Our study, as a single case within our academic neurosciences critical care unit, has limited generalizability but presents direct and quantified evidence for the association. However, this observation requires further validation in a cohort of patients.
To our knowledge, this is the first description of objective documentation of symmetric FDP by pupillometry as a manifestation of LPDs in a critically ill patient with return of the pupillary light reflex after management with anti-seizure medications. FDPs may be a clinical manifestation of LPDs.
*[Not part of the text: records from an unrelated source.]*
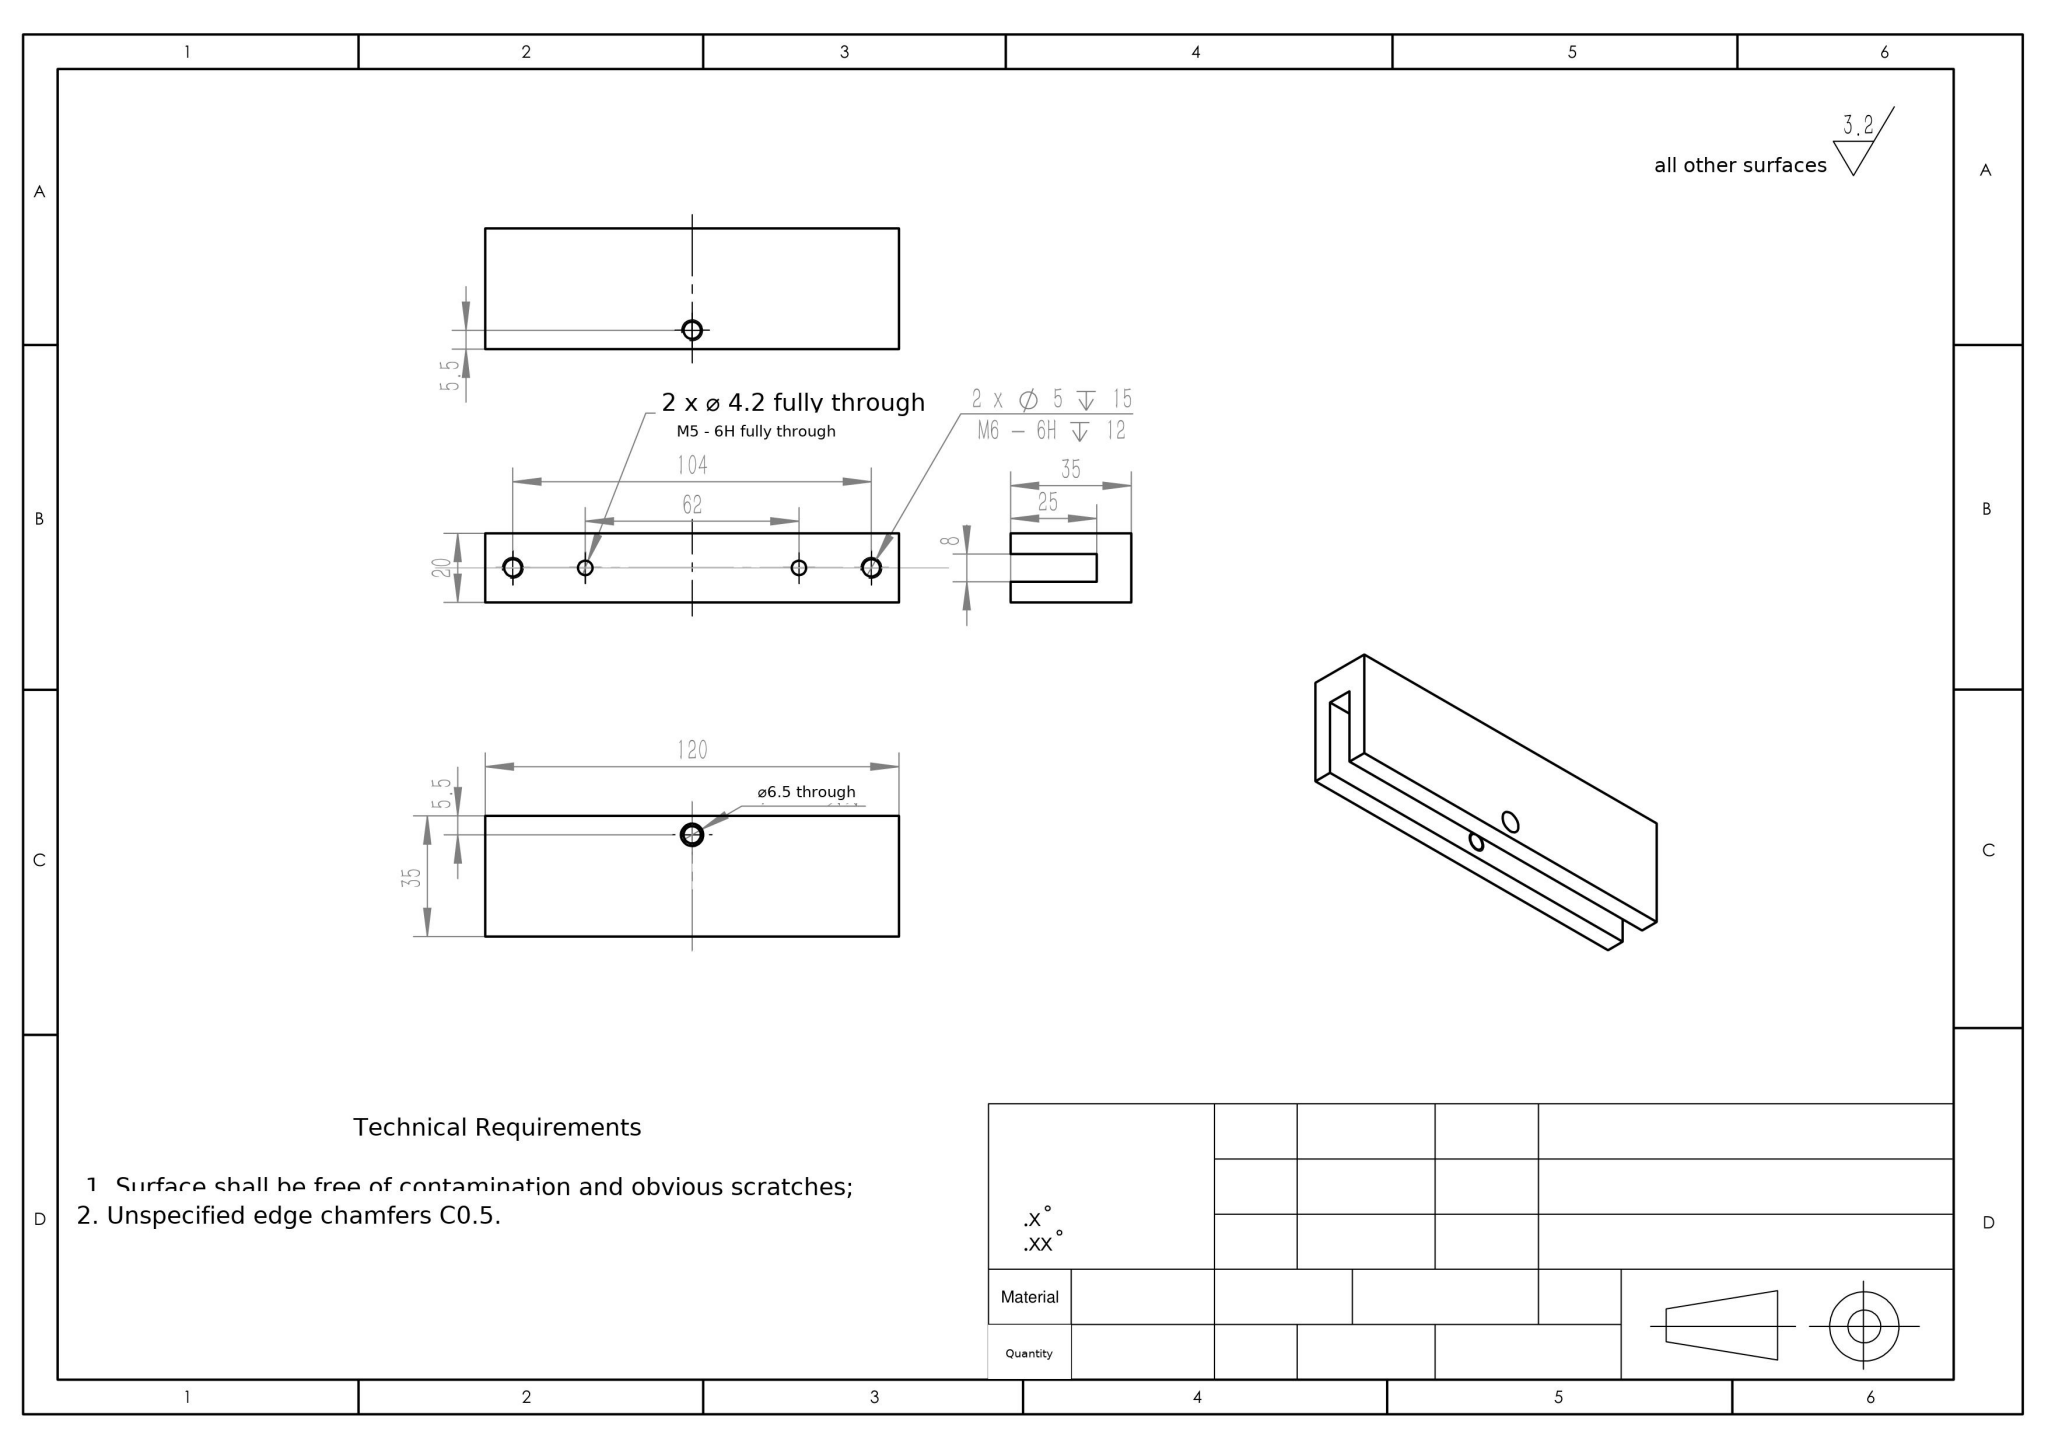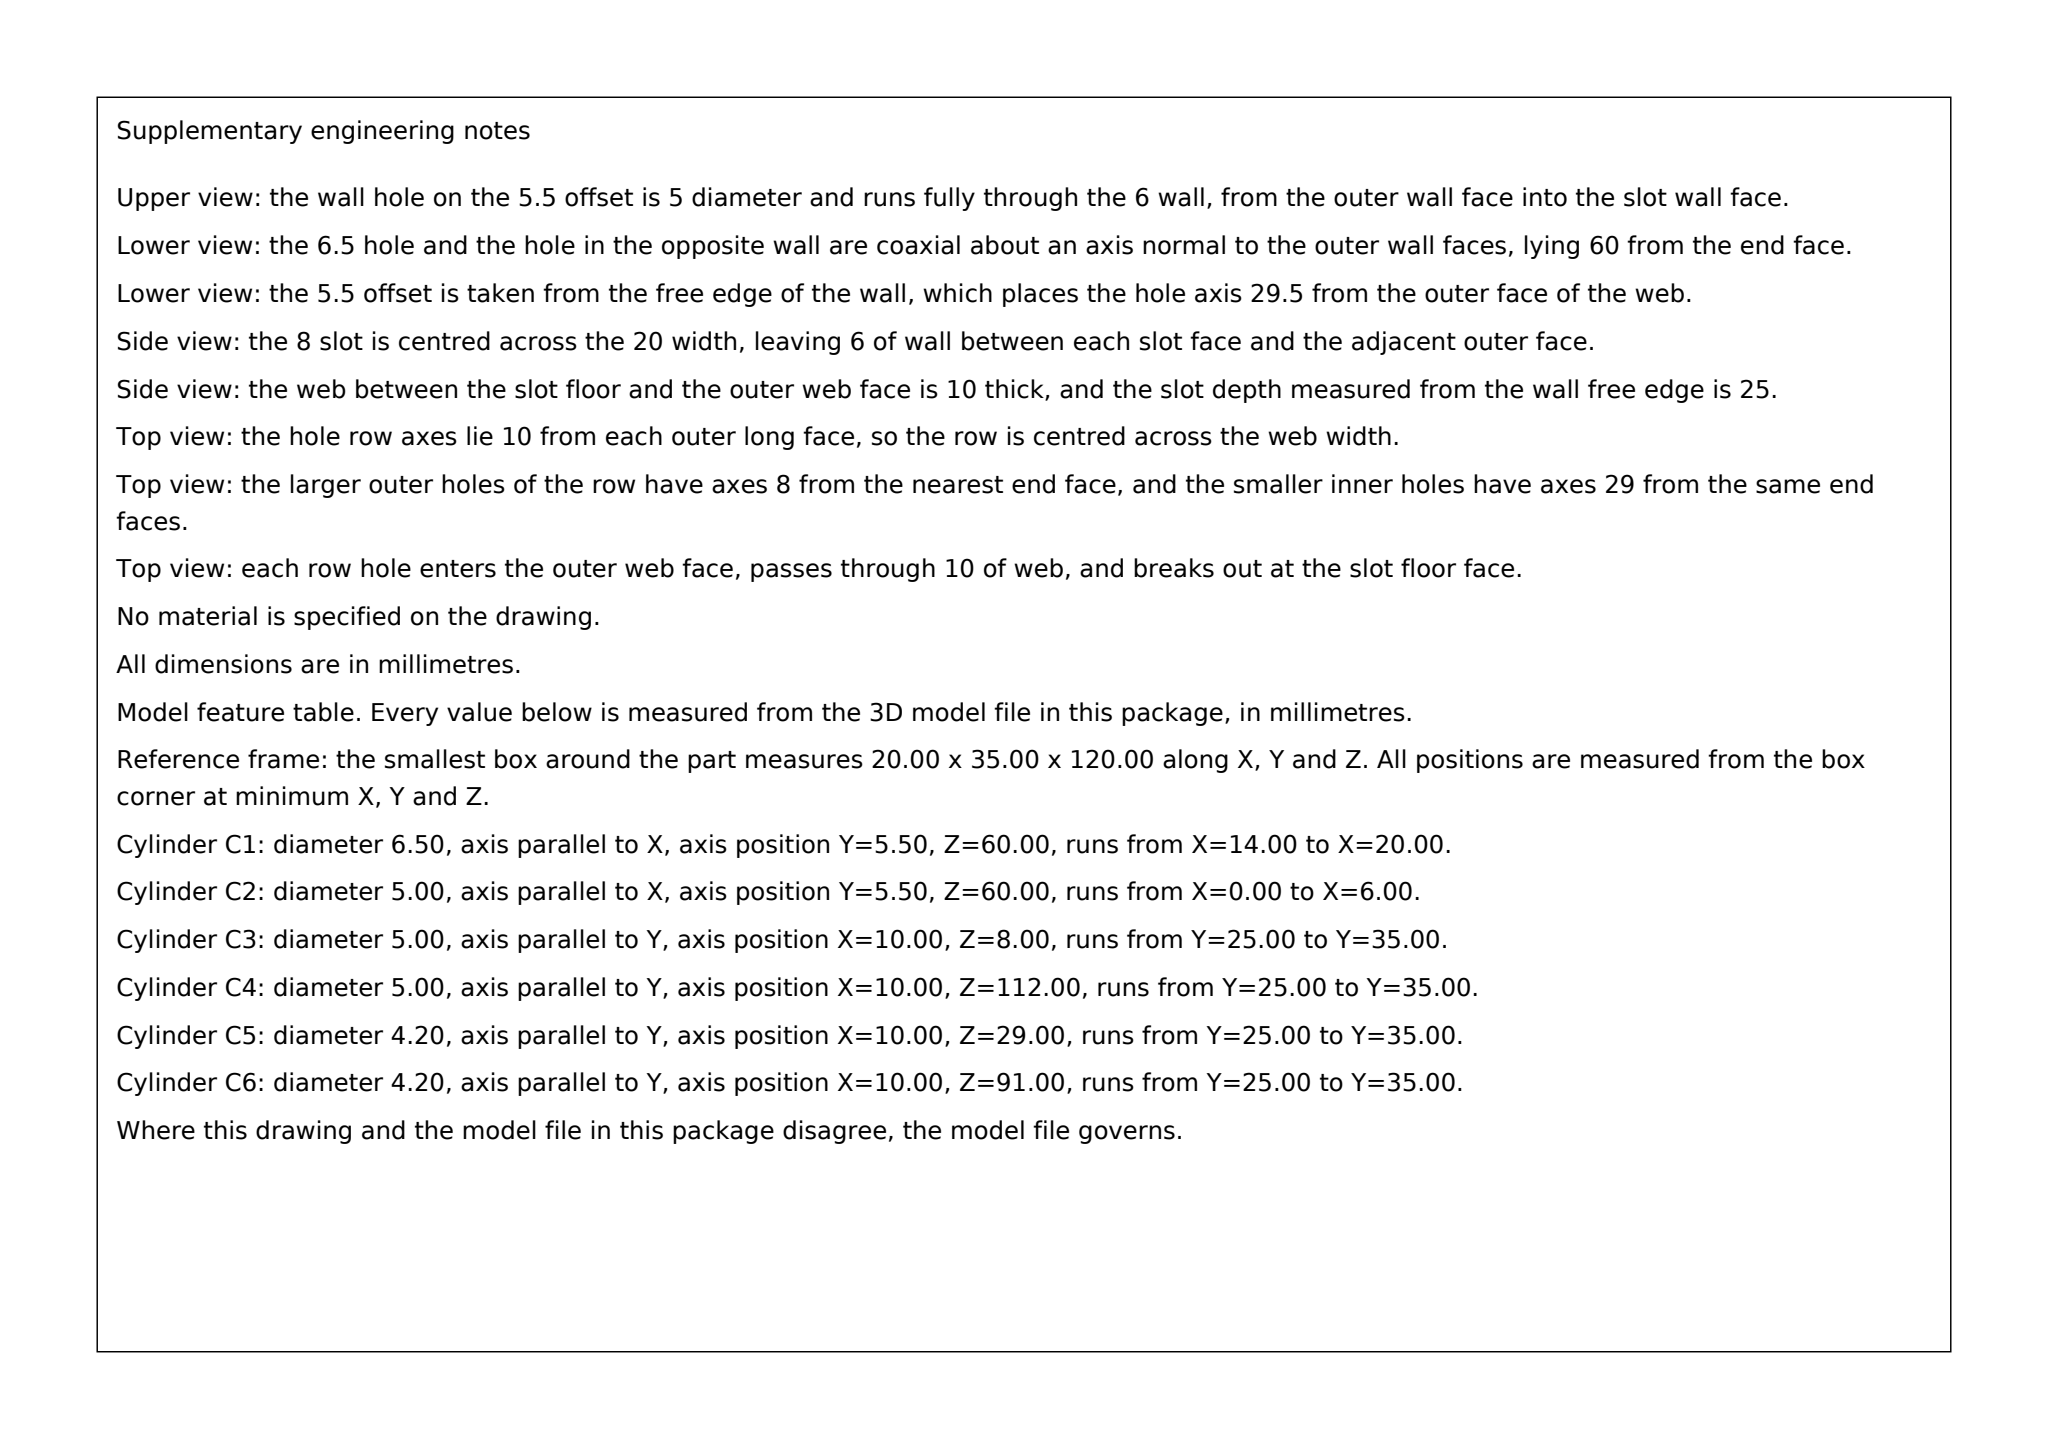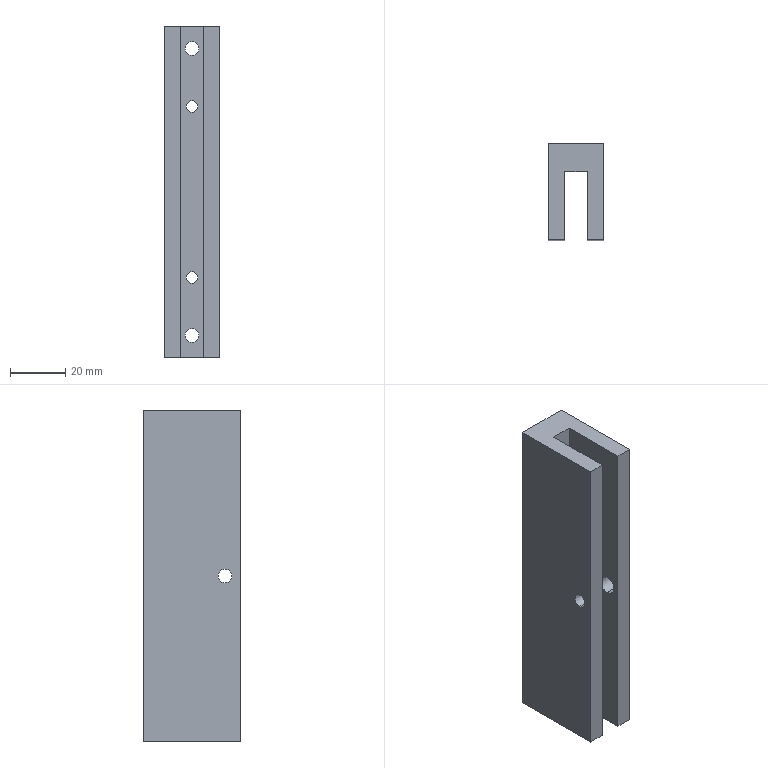Part | SolidWorks | mm | 1 solid | 22 faces | box 20 x 35 x 120 mm | volume 59013 mm3 | cylinder 12 | plane 10 | commonest cylinder face diameters 5 x6 4.2 x4 6.5 x2
build123d program:
from build123d import *

# Parameters (mm, degrees)
BOSS_EXTRUDE1_DEPTH   = 60
M5_TAPPED_HOLE1_D     = 4.2
M6_TAPPED_HOLE1_D     = 5
M6_TAPPED_HOLE1_DEPTH = 15
M6_TAPPED_HOLE1_TIP   = 1.502
CUT_EXTRUDE1_REACH    = 74.284
SKETCH6_R             = 3.25
M6_TAPPED_HOLE2_D     = 5
M6_TAPPED_HOLE2_DEPTH = 15
M6_TAPPED_HOLE2_TIP   = 1.502


with BuildPart() as part:
    # Sketch1 → Boss-Extrude1 (new, symmetric)
    with BuildSketch(Plane.XY):
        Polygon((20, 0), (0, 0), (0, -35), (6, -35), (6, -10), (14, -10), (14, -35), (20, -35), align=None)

The use of handheld automated pupillometry within the neurocritical care unit, in conjunction with cEEG, provided the therapeutic direction. Further research is warranted to fully describe the mechanistic underpinnings of these observations.


Ethics statement
Approval for this study was waived in accordance with policies of our institution because this study did not include protected health information, data analysis, or testing of a hypothesis, and was de-identified. The requirement for informed consent was waived.
Conflict of interest
No potential conflict of interest relevant to this article.
Author contributions
Conceptualization: CTP, RGG. Data curation: all authors. Methodology: all authors. Project administration: all authors. Visualization: CTP, KSH. Writing–original draft: all authors. Writing–review & editing: all authors.

Supplementary materials

Supplementary materials can be found via https://doi.org/10.18700/jnc.220066.
Supplementary Table 1
Neurological pupil index

Fig. 1.
Computed tomography perfusion imaging. (A) Mean transit time (MTT), (B) cerebral blood flow (CBF), (C) cerebral blood volume (CBV), consistent with hyper-perfusion in the right temporal and occipital lobes (arrows).
Fig. 2.
Screenshot of a 10-second clip of an electroencephalogram in bipolar montage displaying, (A) continuous right hemispheric lateralized periodic discharges with sharp wave morphology, occurring at approximately 0.7–0.8 Hz, noted by an arrow and asterisk, coinciding with fixed and dilated pupil (FDP). (B) Ten-second clip of an electroencephalogram following the administration of a 5-mg midazolam bolus with appearing transient improvement of lateralized periodic discharges and resolution of FDP.